# Steak and Kidney Pie



## wyogoob (Sep 7, 2007)

I'll eat kidneys once in a great while, calf or lamb usually. They taste more like liver than anything and I like liver. Beef and hog kidney can be strong tasting, requiring extra preparations, added time, so I avoid them.

Only had kidney from big game one time; elk in 1988. 5 of us took 4 bulls and 1 cow on opening morning. The guy with the biggest bull, Kenneth, a hillbilly from Arkansas, had the cooking duties on that hunt, and he had saved the bull's kidneys. He insisted on frying those kidneys with onions and gravy for the celebration dinner back at the road. "Whatever", "that's Great", "OK", we said, too busy wrangling horses, loading backpacks, and trying to get elk quarters, capes, and horns protected from the flies and the hot temperatures during the worst drought in a jillion years. Kenneth was a great cook. He made the finest mash potatoes; mashed them and whipped them up with a fork. A shot of Wild Turkey, and whip, whip, whip, another shot of Wild Turkey, and whip, whip, whip; all the while reliving how he killed his bull. Kenneth could make liver and onions like no one else, and we all liked liver and onions. So we were looking forward to his elk kidney and onions and by dinnertime we were tired and starved.

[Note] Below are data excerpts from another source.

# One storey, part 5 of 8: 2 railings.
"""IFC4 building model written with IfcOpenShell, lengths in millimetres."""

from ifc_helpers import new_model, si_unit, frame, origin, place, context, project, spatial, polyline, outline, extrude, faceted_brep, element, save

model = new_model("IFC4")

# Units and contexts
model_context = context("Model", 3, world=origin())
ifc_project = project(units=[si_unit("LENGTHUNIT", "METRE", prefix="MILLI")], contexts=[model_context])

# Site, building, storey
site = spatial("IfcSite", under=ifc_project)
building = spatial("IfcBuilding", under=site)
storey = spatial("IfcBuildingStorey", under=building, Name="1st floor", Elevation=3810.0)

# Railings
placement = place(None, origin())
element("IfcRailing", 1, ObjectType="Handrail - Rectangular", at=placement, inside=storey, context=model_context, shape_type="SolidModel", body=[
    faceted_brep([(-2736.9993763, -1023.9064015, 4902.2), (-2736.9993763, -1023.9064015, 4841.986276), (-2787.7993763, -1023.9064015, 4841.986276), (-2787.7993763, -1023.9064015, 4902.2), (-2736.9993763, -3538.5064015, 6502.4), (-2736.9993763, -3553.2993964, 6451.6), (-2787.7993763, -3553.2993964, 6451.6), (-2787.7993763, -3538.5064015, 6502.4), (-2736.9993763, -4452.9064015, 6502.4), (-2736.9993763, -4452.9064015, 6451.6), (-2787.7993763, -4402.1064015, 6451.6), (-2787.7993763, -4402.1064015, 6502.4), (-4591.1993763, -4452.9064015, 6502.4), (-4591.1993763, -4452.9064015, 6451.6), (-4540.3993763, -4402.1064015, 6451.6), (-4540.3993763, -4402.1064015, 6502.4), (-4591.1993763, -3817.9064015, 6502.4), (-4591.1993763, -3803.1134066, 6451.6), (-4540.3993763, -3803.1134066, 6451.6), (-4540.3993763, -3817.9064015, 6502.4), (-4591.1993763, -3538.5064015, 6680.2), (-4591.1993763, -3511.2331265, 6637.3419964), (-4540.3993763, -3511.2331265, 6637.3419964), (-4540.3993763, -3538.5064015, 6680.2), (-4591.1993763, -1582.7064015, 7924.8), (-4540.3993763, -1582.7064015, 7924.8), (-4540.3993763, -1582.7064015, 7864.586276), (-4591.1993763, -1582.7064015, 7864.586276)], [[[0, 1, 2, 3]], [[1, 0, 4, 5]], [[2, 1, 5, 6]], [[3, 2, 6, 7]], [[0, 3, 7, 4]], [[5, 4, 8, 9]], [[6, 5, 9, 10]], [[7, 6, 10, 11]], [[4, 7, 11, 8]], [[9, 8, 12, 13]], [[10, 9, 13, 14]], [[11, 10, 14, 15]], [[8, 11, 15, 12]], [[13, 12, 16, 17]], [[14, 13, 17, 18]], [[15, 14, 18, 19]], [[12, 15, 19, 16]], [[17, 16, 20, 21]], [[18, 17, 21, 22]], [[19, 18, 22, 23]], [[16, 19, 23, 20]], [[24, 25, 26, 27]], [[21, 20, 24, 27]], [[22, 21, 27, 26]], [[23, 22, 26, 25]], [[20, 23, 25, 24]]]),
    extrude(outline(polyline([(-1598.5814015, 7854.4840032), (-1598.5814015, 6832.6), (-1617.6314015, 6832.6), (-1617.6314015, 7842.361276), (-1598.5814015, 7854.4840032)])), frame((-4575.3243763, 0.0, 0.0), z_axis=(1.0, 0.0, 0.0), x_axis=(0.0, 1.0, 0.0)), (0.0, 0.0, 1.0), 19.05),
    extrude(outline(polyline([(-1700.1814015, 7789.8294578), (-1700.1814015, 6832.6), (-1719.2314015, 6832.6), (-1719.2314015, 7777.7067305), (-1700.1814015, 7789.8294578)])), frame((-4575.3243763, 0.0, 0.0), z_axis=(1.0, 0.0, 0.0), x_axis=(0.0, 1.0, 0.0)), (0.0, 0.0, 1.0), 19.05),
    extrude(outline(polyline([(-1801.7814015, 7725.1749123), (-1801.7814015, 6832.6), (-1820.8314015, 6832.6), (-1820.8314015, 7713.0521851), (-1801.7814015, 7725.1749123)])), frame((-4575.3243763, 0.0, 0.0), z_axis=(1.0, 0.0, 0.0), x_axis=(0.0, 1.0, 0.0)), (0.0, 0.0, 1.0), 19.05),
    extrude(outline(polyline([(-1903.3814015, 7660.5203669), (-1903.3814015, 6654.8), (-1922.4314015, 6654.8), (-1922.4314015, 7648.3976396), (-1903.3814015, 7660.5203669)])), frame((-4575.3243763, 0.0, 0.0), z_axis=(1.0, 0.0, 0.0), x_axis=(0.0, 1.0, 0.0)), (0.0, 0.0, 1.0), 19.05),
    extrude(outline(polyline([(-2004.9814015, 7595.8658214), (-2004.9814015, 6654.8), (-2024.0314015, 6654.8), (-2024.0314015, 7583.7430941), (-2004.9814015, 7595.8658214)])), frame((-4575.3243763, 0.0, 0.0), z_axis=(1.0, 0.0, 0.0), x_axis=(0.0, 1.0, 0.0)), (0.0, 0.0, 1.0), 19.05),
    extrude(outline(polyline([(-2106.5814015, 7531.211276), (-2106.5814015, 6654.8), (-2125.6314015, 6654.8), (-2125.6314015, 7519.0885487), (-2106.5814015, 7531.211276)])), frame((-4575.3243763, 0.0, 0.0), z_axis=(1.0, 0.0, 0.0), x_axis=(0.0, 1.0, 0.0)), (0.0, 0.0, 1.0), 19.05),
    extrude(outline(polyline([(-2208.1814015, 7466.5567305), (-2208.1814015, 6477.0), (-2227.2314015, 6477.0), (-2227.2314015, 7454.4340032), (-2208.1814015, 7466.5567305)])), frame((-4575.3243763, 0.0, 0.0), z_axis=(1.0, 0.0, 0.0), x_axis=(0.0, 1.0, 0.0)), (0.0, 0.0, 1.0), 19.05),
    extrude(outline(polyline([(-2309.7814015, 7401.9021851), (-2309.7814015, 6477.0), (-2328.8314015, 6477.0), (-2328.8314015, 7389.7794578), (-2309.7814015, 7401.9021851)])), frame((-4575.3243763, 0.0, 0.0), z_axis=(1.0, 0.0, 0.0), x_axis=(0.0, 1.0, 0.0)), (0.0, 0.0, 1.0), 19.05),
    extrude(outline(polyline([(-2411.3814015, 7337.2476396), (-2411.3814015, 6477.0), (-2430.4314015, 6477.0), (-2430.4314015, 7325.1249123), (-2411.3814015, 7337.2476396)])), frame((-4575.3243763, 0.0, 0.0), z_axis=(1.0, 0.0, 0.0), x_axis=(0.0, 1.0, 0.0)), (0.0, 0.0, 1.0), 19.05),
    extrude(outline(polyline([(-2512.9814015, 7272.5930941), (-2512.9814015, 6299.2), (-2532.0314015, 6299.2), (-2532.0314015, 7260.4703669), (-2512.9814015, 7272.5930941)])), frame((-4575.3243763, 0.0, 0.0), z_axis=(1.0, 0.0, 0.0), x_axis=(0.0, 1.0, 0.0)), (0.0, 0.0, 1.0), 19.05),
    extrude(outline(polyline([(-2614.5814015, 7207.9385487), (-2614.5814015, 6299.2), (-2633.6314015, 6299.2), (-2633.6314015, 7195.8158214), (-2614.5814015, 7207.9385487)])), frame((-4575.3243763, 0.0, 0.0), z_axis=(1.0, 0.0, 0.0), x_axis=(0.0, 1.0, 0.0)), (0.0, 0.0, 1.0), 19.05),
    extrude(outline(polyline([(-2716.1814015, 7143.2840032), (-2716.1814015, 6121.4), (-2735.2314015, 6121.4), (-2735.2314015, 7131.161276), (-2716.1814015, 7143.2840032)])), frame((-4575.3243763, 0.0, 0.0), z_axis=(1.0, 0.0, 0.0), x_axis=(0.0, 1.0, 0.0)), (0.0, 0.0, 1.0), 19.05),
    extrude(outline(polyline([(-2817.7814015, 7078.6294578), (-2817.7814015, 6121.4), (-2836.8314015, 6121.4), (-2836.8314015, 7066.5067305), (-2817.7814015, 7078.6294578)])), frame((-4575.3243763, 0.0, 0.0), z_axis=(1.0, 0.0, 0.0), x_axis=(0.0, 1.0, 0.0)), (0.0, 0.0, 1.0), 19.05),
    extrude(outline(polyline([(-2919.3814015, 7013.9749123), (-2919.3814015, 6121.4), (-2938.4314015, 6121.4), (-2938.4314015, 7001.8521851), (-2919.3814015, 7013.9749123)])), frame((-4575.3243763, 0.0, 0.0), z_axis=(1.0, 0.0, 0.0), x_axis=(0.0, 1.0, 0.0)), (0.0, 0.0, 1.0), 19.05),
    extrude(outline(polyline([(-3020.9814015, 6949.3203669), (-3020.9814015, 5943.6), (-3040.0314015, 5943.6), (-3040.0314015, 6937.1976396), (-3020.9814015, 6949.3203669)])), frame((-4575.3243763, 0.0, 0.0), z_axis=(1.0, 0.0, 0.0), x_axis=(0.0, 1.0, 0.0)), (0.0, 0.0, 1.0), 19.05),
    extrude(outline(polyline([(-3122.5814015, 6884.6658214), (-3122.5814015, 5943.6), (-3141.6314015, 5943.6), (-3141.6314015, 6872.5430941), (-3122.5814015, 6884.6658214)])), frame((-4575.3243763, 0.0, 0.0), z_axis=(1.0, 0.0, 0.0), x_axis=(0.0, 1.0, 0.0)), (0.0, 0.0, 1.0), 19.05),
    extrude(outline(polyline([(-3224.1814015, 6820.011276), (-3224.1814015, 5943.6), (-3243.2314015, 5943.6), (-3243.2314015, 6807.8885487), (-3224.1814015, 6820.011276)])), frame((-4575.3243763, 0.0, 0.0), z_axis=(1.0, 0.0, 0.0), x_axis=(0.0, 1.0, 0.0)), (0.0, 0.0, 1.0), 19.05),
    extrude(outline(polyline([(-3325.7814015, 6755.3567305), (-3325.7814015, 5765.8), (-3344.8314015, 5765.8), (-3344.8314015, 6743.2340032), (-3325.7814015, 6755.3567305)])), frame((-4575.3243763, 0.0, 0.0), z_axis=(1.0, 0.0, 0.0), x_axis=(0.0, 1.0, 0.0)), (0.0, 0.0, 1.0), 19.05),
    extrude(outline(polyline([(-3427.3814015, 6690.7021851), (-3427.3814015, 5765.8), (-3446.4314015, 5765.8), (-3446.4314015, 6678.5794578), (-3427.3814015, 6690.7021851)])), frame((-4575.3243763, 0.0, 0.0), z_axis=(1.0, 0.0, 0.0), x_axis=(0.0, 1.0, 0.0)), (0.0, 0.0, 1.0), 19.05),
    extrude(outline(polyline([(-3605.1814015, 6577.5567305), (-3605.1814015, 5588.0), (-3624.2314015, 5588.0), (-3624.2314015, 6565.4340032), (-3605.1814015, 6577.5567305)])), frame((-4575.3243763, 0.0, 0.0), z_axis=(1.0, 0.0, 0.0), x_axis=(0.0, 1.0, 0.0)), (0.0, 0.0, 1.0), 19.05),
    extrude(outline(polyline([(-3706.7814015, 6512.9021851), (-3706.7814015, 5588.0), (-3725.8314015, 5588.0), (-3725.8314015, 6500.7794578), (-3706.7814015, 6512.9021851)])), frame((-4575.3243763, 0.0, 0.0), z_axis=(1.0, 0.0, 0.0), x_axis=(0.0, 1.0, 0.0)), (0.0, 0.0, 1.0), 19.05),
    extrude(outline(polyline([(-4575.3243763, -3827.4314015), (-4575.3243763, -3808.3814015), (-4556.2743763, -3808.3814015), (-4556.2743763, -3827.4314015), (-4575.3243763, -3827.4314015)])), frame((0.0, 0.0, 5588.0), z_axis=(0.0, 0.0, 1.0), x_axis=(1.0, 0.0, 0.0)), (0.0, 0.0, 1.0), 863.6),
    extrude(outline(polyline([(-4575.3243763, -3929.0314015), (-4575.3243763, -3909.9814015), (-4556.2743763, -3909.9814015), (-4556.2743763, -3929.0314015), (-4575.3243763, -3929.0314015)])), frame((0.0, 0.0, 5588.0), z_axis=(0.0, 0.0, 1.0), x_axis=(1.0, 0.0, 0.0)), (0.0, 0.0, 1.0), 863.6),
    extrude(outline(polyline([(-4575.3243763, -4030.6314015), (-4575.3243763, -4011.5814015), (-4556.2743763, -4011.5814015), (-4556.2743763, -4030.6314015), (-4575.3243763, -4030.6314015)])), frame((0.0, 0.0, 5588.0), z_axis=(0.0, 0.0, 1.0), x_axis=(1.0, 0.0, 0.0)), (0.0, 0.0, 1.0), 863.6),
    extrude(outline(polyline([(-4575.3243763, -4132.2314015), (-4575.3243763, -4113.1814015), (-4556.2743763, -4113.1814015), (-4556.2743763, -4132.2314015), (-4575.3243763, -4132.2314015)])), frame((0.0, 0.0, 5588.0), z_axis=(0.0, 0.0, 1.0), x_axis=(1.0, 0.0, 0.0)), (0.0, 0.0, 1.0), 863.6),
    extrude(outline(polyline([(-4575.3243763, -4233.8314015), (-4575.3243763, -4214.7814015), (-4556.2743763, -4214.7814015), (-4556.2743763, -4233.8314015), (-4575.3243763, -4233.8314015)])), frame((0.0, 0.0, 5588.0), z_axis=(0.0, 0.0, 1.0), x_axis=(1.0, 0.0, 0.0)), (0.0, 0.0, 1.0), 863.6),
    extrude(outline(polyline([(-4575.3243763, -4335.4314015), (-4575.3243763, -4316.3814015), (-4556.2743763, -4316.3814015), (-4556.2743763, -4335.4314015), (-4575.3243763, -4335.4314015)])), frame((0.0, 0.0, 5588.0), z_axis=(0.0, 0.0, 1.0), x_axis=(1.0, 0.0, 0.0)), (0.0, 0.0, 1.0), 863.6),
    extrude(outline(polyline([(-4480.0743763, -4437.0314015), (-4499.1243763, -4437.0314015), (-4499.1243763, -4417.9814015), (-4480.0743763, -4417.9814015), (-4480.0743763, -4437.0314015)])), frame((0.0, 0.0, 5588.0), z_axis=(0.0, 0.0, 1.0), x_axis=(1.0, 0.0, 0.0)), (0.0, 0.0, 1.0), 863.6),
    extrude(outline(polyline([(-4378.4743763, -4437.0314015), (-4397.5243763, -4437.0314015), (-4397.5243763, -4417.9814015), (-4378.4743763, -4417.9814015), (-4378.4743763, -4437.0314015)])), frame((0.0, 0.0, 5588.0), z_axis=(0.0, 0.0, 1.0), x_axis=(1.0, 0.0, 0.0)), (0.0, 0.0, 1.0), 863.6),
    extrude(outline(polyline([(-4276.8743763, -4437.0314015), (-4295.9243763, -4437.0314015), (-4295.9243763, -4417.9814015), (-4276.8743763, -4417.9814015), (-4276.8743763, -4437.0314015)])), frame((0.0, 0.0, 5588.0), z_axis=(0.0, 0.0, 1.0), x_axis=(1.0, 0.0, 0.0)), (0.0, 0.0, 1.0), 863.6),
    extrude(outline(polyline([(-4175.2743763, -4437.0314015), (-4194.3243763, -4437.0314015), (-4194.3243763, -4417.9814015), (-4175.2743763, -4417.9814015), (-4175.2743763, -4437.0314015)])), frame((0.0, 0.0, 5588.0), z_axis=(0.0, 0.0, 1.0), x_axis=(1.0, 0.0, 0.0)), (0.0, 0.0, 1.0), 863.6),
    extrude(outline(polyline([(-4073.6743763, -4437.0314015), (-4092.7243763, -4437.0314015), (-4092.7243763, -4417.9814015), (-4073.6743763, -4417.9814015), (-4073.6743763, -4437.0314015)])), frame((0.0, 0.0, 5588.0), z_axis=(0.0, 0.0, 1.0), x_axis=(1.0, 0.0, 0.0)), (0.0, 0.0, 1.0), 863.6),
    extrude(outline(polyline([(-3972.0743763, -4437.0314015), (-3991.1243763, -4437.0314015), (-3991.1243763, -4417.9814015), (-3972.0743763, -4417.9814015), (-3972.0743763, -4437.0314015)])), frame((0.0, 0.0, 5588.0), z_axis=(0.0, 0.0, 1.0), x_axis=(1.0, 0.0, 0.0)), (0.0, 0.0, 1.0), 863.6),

Everyone dug into their plate of kidneys and onions. Oh boy, the flavor was&#8230;uh&#8230;complex&#8230;an aromatic blend of Douglas Fir, elk urine, Wild Turkey and liver. No one had seconds. The liver, out of a yearling cow, was soaked along with the kidneys, and it didn't taste much better.

Kenneth is gone now and I often think of him, that trip, and those "complex" tasting kidneys. I've always wanted to try elk kidneys again and this year I saved the kidneys out of a spike, an elk that was killed in the same place Kenneth shot that nice bull all those years ago.

Kidneys are an epicurean delight in many parts of the world and there are as many recipes for cooking kidneys as there are the number of people that love to eat them. 

Here's a recipe for Elk Steak and Kidney pie:

Elk Steak and Kidney Pie

*Ingredients:*
2 - 9" pie crusts
2 - elk kidneys
1 1/2 lb - elk round steak, cubed
3 tbsp - vegetable oil
1 cup - chopped onions
2 tsp - salt
1/4 tsp - black pepper
1/2 tsp - thyme
1 whole - Bay leaf
2 tsp - Worcestershire sauce
3 cups - water
5 cups - diced raw potatoes or mixed vegetables
6 tbsp - flour
1 - egg white.

*Instructions:*
Remove all tubes and white membranes from kidneys and cut into small bite-sized pieces.
Soak kidneys overnight in salted milk. Drain and rinse in cold water. 
Soak kidneys in clean water 1 hour. Drain and rinse.
Brown kidney and steak in hot oil, add onions, seasonings, and 2 cups of water.
Simmer 45 minutes, stirring occasionally.
Blend together flour and the remaining cup of water in with the meat.
Add the vegetables, and simmer until the mixture thickens, about 15 minutes. 
Place pie crusts in pie plates.
Remove Bay leaf and pour mixture into pie crusts. 
Add pie crust top and pinch sides together all around.
Brush the crust top, lightly, with egg white. 
Cut several steam vents in the center of the crust.
Bake at 425° until bubbly and crust is lightly browned, about 30 minutes.

Serves 8

The vegetables were onions, acorn squash, potatoes, carrots and celery (not shown):










The meat has been soaked and all is ready for cooking:









Simmer and pour into pie pans:









Bake until the crust is light brown:


----------



## gdog (Sep 13, 2007)

Growing up my mom made kidney stew. Beef kidney (not sure if it was calf) chunks in a dark gravy with hardboiled eggs. Served it on top of toast wedges. It was my favorite dish as a kid....couldn't get enough. Like you said, had a liver taste to it.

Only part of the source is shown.